Anyway, the bottom line is that we are never ever getting back together to being the manufacturing nation of yore. But why should we want to go back?
Many people seem to believe that manufacturing is where the good jobs are. But that isn’t true and hasn’t been true for a long time. As of December, according to the BLS, the average production or nonsupervisory job in America’s private sector paid $30.62 an hour. In manufacturing the number was $28.34 — less than the all-industry average.
Why do people imagine that manufacturing offers ordinary workers good jobs? In part because it used to — not because there’s something inherent about working on an assembly line that leads to good wages, but because once upon a time many manufacturing workers were represented by strong unions. Now they aren’t, and manufacturing jobs are nothing special.
Also, I can’t help noting than even now many people think of working in a factory as something real men do, while, say, nursing is female-coded.
The bottom line is that Trump is (surprise!) selling a fantasy rather than an actual solution to workers’ problems. If we really wanted to bring back the days when workers without college degrees could afford a middle-class standard of living, the answer isn’t pipe dreams about bringing back manufacturing; it’s unionizing service sector giants like Amazon and Walmart.





This is why I always suspect the motives and morals of people who complain about the rise of the service based economy. If you are in favor of increased efficiency in farming, manufacturing, mining and just about every other sector, then everyone except perhaps for a handful of workers are going to be in the service sector in one capacity or another. That’s what’s left. They either work in the service sector or they live in a post capitalist society.
The conservative fantasy on this is right out of the Hunger Games. The heroine’s district was where they did hard rock coal mining, and if you tried to escape the mines, they’d hunt you down with a nuclear powered hovercraft. It’s in the text. They have nuclear power, but somehow or another, they need people mining coal in deep rock mines. There was another district that farmed wheat. People were sent out to the fields with scythes just like they did until the mid 19th century when McCormick invented the harvester. Since the days weren’t long enough to complete the harvest, they provided night vision goggles. That’s in the text, too.

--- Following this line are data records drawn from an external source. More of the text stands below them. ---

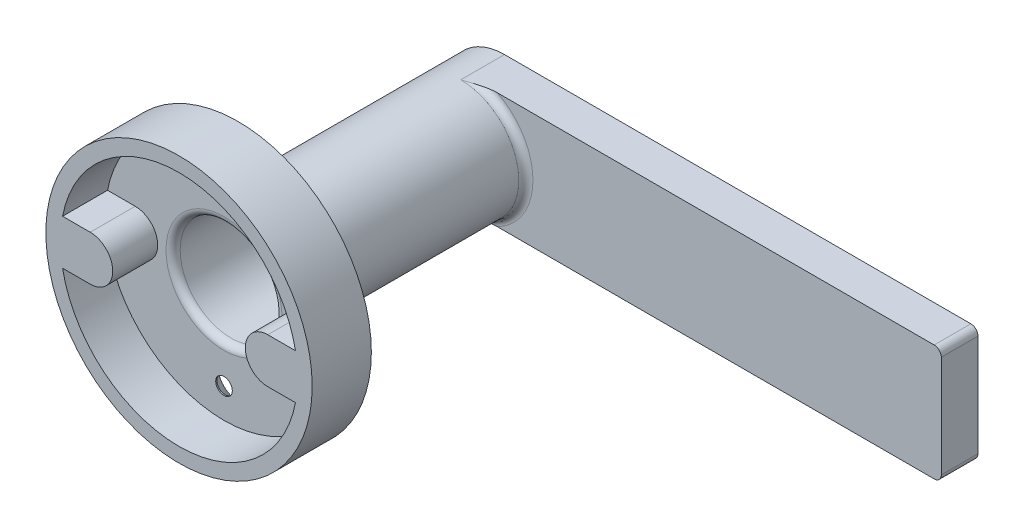
ISO-10303-21;
HEADER;
FILE_DESCRIPTION(('STEP AP214'),'2;1');
FILE_NAME('part.step','',(''),(''),'','','');
FILE_SCHEMA(('AUTOMOTIVE_DESIGN { 1 0 10303 214 1 1 1 1 }'));
ENDSEC;
DATA;
#1=APPLICATION_CONTEXT('core data for automotive mechanical design processes');
#2=APPLICATION_PROTOCOL_DEFINITION('international standard','automotive_design',2000,#1);
#3=PRODUCT_CONTEXT('',#1,'mechanical');
#4=PRODUCT('Part','Part','',(#3));
#5=PRODUCT_RELATED_PRODUCT_CATEGORY('part','',(#4));
#6=PRODUCT_DEFINITION_FORMATION('','',#4);
#7=PRODUCT_DEFINITION_CONTEXT('part definition',#1,'design');
#8=PRODUCT_DEFINITION('design','',#6,#7);
#9=PRODUCT_DEFINITION_SHAPE('','',#8);
#10=(LENGTH_UNIT() NAMED_UNIT(*) SI_UNIT(.MILLI.,.METRE.));
#11=(NAMED_UNIT(*) PLANE_ANGLE_UNIT() SI_UNIT($,.RADIAN.));
#12=(NAMED_UNIT(*) SI_UNIT($,.STERADIAN.) SOLID_ANGLE_UNIT());
#13=UNCERTAINTY_MEASURE_WITH_UNIT(LENGTH_MEASURE(1.E-05),#10,'distance_accuracy_value','');
#14=(GEOMETRIC_REPRESENTATION_CONTEXT(3) GLOBAL_UNCERTAINTY_ASSIGNED_CONTEXT((#13)) GLOBAL_UNIT_ASSIGNED_CONTEXT((#10,
#11,#12)) REPRESENTATION_CONTEXT('',''));
#15=CARTESIAN_POINT('',(0.,0.,0.));
#16=DIRECTION('',(0.,0.,1.));
#17=DIRECTION('',(1.,0.,0.));
#18=AXIS2_PLACEMENT_3D('',#15,#16,#17);
#19=CARTESIAN_POINT('',(0.,0.,12.7));
#20=DIRECTION('',(0.,0.,-1.));
#21=DIRECTION('',(-1.,0.,0.));
#22=AXIS2_PLACEMENT_3D('',#19,#20,#21);
#23=CYLINDRICAL_SURFACE('',#22,28.575);
#24=CARTESIAN_POINT('',(0.,0.,12.7));
#25=DIRECTION('',(0.,0.,1.));
#26=DIRECTION('',(1.,0.,0.));
#27=AXIS2_PLACEMENT_3D('',#24,#25,#26);
#28=CIRCLE('',#27,28.575);
#29=CARTESIAN_POINT('',(28.575,0.,12.7));
#30=VERTEX_POINT('',#29);
#31=EDGE_CURVE('E196',#30,#30,#28,.T.);
#32=ORIENTED_EDGE('',*,*,#31,.F.);
#33=EDGE_LOOP('',(#32));
#34=FACE_BOUND('',#33,.T.);
#35=CARTESIAN_POINT('',(0.,0.,0.));
#36=DIRECTION('',(0.,0.,1.));
#37=DIRECTION('',(1.,0.,0.));
#38=AXIS2_PLACEMENT_3D('',#35,#36,#37);
#39=CIRCLE('',#38,28.575);
#40=CARTESIAN_POINT('',(28.575,0.,0.));
#41=VERTEX_POINT('',#40);
#42=EDGE_CURVE('E247',#41,#41,#39,.T.);
#43=ORIENTED_EDGE('',*,*,#42,.T.);
#44=EDGE_LOOP('',(#43));
#45=FACE_BOUND('',#44,.T.);
#46=ADVANCED_FACE('F41',(#34,#45),#23,.T.);
#47=CARTESIAN_POINT('',(0.,0.,12.7));
#48=DIRECTION('',(0.,0.,1.));
#49=DIRECTION('',(1.,0.,0.));
#50=AXIS2_PLACEMENT_3D('',#47,#48,#49);
#51=PLANE('',#50);
#52=CARTESIAN_POINT('',(19.05,0.,12.7));
#53=DIRECTION('',(0.,0.,-1.));
#54=DIRECTION('',(-1.,0.,0.));
#55=AXIS2_PLACEMENT_3D('',#52,#53,#54);
#56=CIRCLE('',#55,4.826);
#57=CARTESIAN_POINT('',(19.05,-4.826,12.7));
#58=VERTEX_POINT('',#57);
#59=CARTESIAN_POINT('',(19.05,4.826,12.7));
#60=VERTEX_POINT('',#59);
#61=EDGE_CURVE('E195',#58,#60,#56,.T.);
#62=ORIENTED_EDGE('',*,*,#61,.F.);
#63=DIRECTION('',(-1.,0.,0.));
#64=VECTOR('',#63,1.);
#65=CARTESIAN_POINT('',(19.05,-4.826,12.7));
#66=LINE('',#65,#64);
#67=CARTESIAN_POINT('',(24.9900993985777,-4.826,12.7));
#68=VERTEX_POINT('',#67);
#69=EDGE_CURVE('E205',#68,#58,#66,.T.);
#70=ORIENTED_EDGE('',*,*,#69,.F.);
#71=CARTESIAN_POINT('',(0.,0.,12.7));
#72=DIRECTION('',(0.,0.,1.));
#73=DIRECTION('',(1.,0.,0.));
#74=AXIS2_PLACEMENT_3D('',#71,#72,#73);
#75=CIRCLE('',#74,25.451823980823);
#76=CARTESIAN_POINT('',(-24.9900993985777,-4.82599999999999,12.7));
#77=VERTEX_POINT('',#76);
#78=EDGE_CURVE('E241',#77,#68,#75,.T.);
#79=ORIENTED_EDGE('',*,*,#78,.F.);
#80=DIRECTION('',(-1.,0.,0.));
#81=VECTOR('',#80,1.);
#82=CARTESIAN_POINT('',(-19.05,-4.826,12.7));
#83=LINE('',#82,#81);
#84=CARTESIAN_POINT('',(-19.05,-4.826,12.7));
#85=VERTEX_POINT('',#84);
#86=EDGE_CURVE('E238',#85,#77,#83,.T.);
#87=ORIENTED_EDGE('',*,*,#86,.F.);
#88=CARTESIAN_POINT('',(-19.05,0.,12.7));
#89=DIRECTION('',(0.,0.,-1.));
#90=DIRECTION('',(1.,0.,0.));
#91=AXIS2_PLACEMENT_3D('',#88,#89,#90);
#92=CIRCLE('',#91,4.826);
#93=CARTESIAN_POINT('',(-19.05,4.826,12.7));
#94=VERTEX_POINT('',#93);
#95=EDGE_CURVE('E232',#94,#85,#92,.T.);
#96=ORIENTED_EDGE('',*,*,#95,.F.);
#97=DIRECTION('',(1.,0.,0.));
#98=VECTOR('',#97,1.);
#99=CARTESIAN_POINT('',(-19.05,4.826,12.7));
#100=LINE('',#99,#98);
#101=CARTESIAN_POINT('',(-24.9900993985777,4.826,12.7));
#102=VERTEX_POINT('',#101);
#103=EDGE_CURVE('E235',#102,#94,#100,.T.);
#104=ORIENTED_EDGE('',*,*,#103,.F.);
#105=CARTESIAN_POINT('',(0.,0.,12.7));
#106=DIRECTION('',(0.,0.,1.));
#107=DIRECTION('',(1.,0.,0.));
#108=AXIS2_PLACEMENT_3D('',#105,#106,#107);
#109=CIRCLE('',#108,25.451823980823);
#110=CARTESIAN_POINT('',(24.9900993985777,4.826,12.7));
#111=VERTEX_POINT('',#110);
#112=EDGE_CURVE('E230',#111,#102,#109,.T.);
#113=ORIENTED_EDGE('',*,*,#112,.F.);
#114=DIRECTION('',(1.,0.,0.));
#115=VECTOR('',#114,1.);
#116=CARTESIAN_POINT('',(19.05,4.826,12.7));
#117=LINE('',#116,#115);
#118=EDGE_CURVE('E228',#60,#111,#117,.T.);
#119=ORIENTED_EDGE('',*,*,#118,.F.);
#120=EDGE_LOOP('',(#62,#70,#79,#87,#96,#104,#113,#119));
#121=FACE_BOUND('',#120,.T.);
#122=ORIENTED_EDGE('',*,*,#31,.T.);
#123=EDGE_LOOP('',(#122));
#124=FACE_BOUND('',#123,.T.);
#125=ADVANCED_FACE('F342',(#121,#124),#51,.T.);
#126=CARTESIAN_POINT('',(0.,0.,0.));
#127=DIRECTION('',(0.,0.,1.));
#128=DIRECTION('',(1.,0.,0.));
#129=AXIS2_PLACEMENT_3D('',#126,#127,#128);
#130=PLANE('',#129);
#131=CARTESIAN_POINT('',(0.,-19.05,0.));
#132=DIRECTION('',(0.,0.,1.));
#133=DIRECTION('',(1.,0.,0.));
#134=AXIS2_PLACEMENT_3D('',#131,#132,#133);
#135=CIRCLE('',#134,4.37800000000003);
#136=CARTESIAN_POINT('',(4.37800000000003,-19.05,0.));
#137=VERTEX_POINT('',#136);
#138=EDGE_CURVE('E49',#137,#137,#135,.T.);
#139=ORIENTED_EDGE('',*,*,#138,.T.);
#140=EDGE_LOOP('',(#139));
#141=FACE_BOUND('',#140,.T.);
#142=CARTESIAN_POINT('',(0.,19.05,0.));
#143=DIRECTION('',(0.,0.,1.));
#144=DIRECTION('',(1.,0.,0.));
#145=AXIS2_PLACEMENT_3D('',#142,#143,#144);
#146=CIRCLE('',#145,4.37800000000003);
#147=CARTESIAN_POINT('',(4.37800000000003,19.05,0.));
#148=VERTEX_POINT('',#147);
#149=EDGE_CURVE('E425',#148,#148,#146,.T.);
#150=ORIENTED_EDGE('',*,*,#149,.T.);
#151=EDGE_LOOP('',(#150));
#152=FACE_BOUND('',#151,.T.);
#153=CARTESIAN_POINT('',(0.,0.,0.));
#154=DIRECTION('',(0.,0.,-1.));
#155=DIRECTION('',(-1.,0.,0.));
#156=AXIS2_PLACEMENT_3D('',#153,#154,#155);
#157=CIRCLE('',#156,12.446);
#158=CARTESIAN_POINT('',(-12.446,0.,0.));
#159=VERTEX_POINT('',#158);
#160=EDGE_CURVE('E193',#159,#159,#157,.T.);
#161=ORIENTED_EDGE('',*,*,#160,.F.);
#162=EDGE_LOOP('',(#161));
#163=FACE_BOUND('',#162,.T.);
#164=ORIENTED_EDGE('',*,*,#42,.F.);
#165=EDGE_LOOP('',(#164));
#166=FACE_BOUND('',#165,.T.);
#167=ADVANCED_FACE('F349',(#141,#152,#163,#166),#130,.F.);
#168=CARTESIAN_POINT('',(19.05,0.,3.048));
#169=DIRECTION('',(0.,0.,1.));
#170=DIRECTION('',(1.,0.,0.));
#171=AXIS2_PLACEMENT_3D('',#168,#169,#170);
#172=CYLINDRICAL_SURFACE('',#171,4.826);
#173=ORIENTED_EDGE('',*,*,#61,.T.);
#174=DIRECTION('',(0.,0.,1.));
#175=VECTOR('',#174,1.);
#176=CARTESIAN_POINT('',(19.05,4.826,3.048));
#177=LINE('',#176,#175);
#178=CARTESIAN_POINT('',(19.05,4.826,3.048));
#179=VERTEX_POINT('',#178);
#180=EDGE_CURVE('E221',#179,#60,#177,.T.);
#181=ORIENTED_EDGE('',*,*,#180,.F.);
#182=CARTESIAN_POINT('',(19.05,0.,3.048));
#183=DIRECTION('',(0.,0.,-1.));
#184=DIRECTION('',(-1.,0.,0.));
#185=AXIS2_PLACEMENT_3D('',#182,#183,#184);
#186=CIRCLE('',#185,4.826);
#187=CARTESIAN_POINT('',(19.05,-4.826,3.048));
#188=VERTEX_POINT('',#187);
#189=EDGE_CURVE('E197',#188,#179,#186,.T.);
#190=ORIENTED_EDGE('',*,*,#189,.F.);
#191=DIRECTION('',(0.,0.,1.));
#192=VECTOR('',#191,1.);
#193=CARTESIAN_POINT('',(19.05,-4.826,3.048));
#194=LINE('',#193,#192);
#195=EDGE_CURVE('E246',#188,#58,#194,.T.);
#196=ORIENTED_EDGE('',*,*,#195,.T.);
#197=EDGE_LOOP('',(#173,#181,#190,#196));
#198=FACE_BOUND('',#197,.T.);
#199=ADVANCED_FACE('F356',(#198),#172,.T.);
#200=CARTESIAN_POINT('',(19.05,-4.826,3.048));
#201=DIRECTION('',(0.,1.,0.));
#202=DIRECTION('',(-1.,0.,0.));
#203=AXIS2_PLACEMENT_3D('',#200,#201,#202);
#204=PLANE('',#203);
#205=ORIENTED_EDGE('',*,*,#69,.T.);
#206=ORIENTED_EDGE('',*,*,#195,.F.);
#207=DIRECTION('',(-1.,0.,0.));
#208=VECTOR('',#207,1.);
#209=CARTESIAN_POINT('',(19.05,-4.826,3.048));
#210=LINE('',#209,#208);
#211=CARTESIAN_POINT('',(24.9900993985777,-4.826,3.048));
#212=VERTEX_POINT('',#211);
#213=EDGE_CURVE('E222',#212,#188,#210,.T.);
#214=ORIENTED_EDGE('',*,*,#213,.F.);
#215=DIRECTION('',(0.,0.,1.));
#216=VECTOR('',#215,1.);
#217=CARTESIAN_POINT('',(24.9900993985777,-4.826,3.048));
#218=LINE('',#217,#216);
#219=EDGE_CURVE('E248',#212,#68,#218,.T.);
#220=ORIENTED_EDGE('',*,*,#219,.T.);
#221=EDGE_LOOP('',(#205,#206,#214,#220));
#222=FACE_BOUND('',#221,.T.);
#223=ADVANCED_FACE('F362',(#222),#204,.F.);
#224=CARTESIAN_POINT('',(0.,0.,3.048));
#225=DIRECTION('',(0.,0.,1.));
#226=DIRECTION('',(1.,0.,0.));
#227=AXIS2_PLACEMENT_3D('',#224,#225,#226);
#228=CYLINDRICAL_SURFACE('',#227,25.451823980823);
#229=ORIENTED_EDGE('',*,*,#78,.T.);
#230=ORIENTED_EDGE('',*,*,#219,.F.);
#231=CARTESIAN_POINT('',(0.,0.,3.048));
#232=DIRECTION('',(0.,0.,1.));
#233=DIRECTION('',(1.,0.,0.));
#234=AXIS2_PLACEMENT_3D('',#231,#232,#233);
#235=CIRCLE('',#234,25.451823980823);
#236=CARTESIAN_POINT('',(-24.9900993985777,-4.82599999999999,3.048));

I mean what-the-fuck? Here was a society with nuclear power and all sorts of technology, and they did all of their basic production out of Diderot’s encyclopedia. It’s that fantasy of “real jobs”, except that we have machines to do most of those jobs nowadays. Just as the food rationing system in the Hunger Games was about enforcing political compliance, so was the entire production system. Were they all wearing home spun clothes or did they get some exception for rayon? As so many others have pointed out about the conservative vision, the cruelty seems to be the point.
Kaleberg:
Manual to Automatic to Programed CNC machines results in less Labor and more throughput. I was there and watched it evolve. During the 1980 recession, it was our efforts which kept the company profitable or at breakeven for 12 of 14 months. We only planned what we needed to satisfy a greatly reduced demand.
Inventories decreased as well as purchases.
If there is no demand or such is decreased; what do you do with the excess Labor? Until demand increases or changes in employment occur? Short period of time of lesser need, you subsidize them. Longer period of time, you retrain them.
All of this was lost on my boss who was pretty much a desk chair jockey. The Divisional VP of Accounting and Finance noticed and asked how? I told we plan based on demand.
Those jobs have disappeared. The effort should be made to retrain the workforce to do different occupations with livable pay. Labor input is nor costly.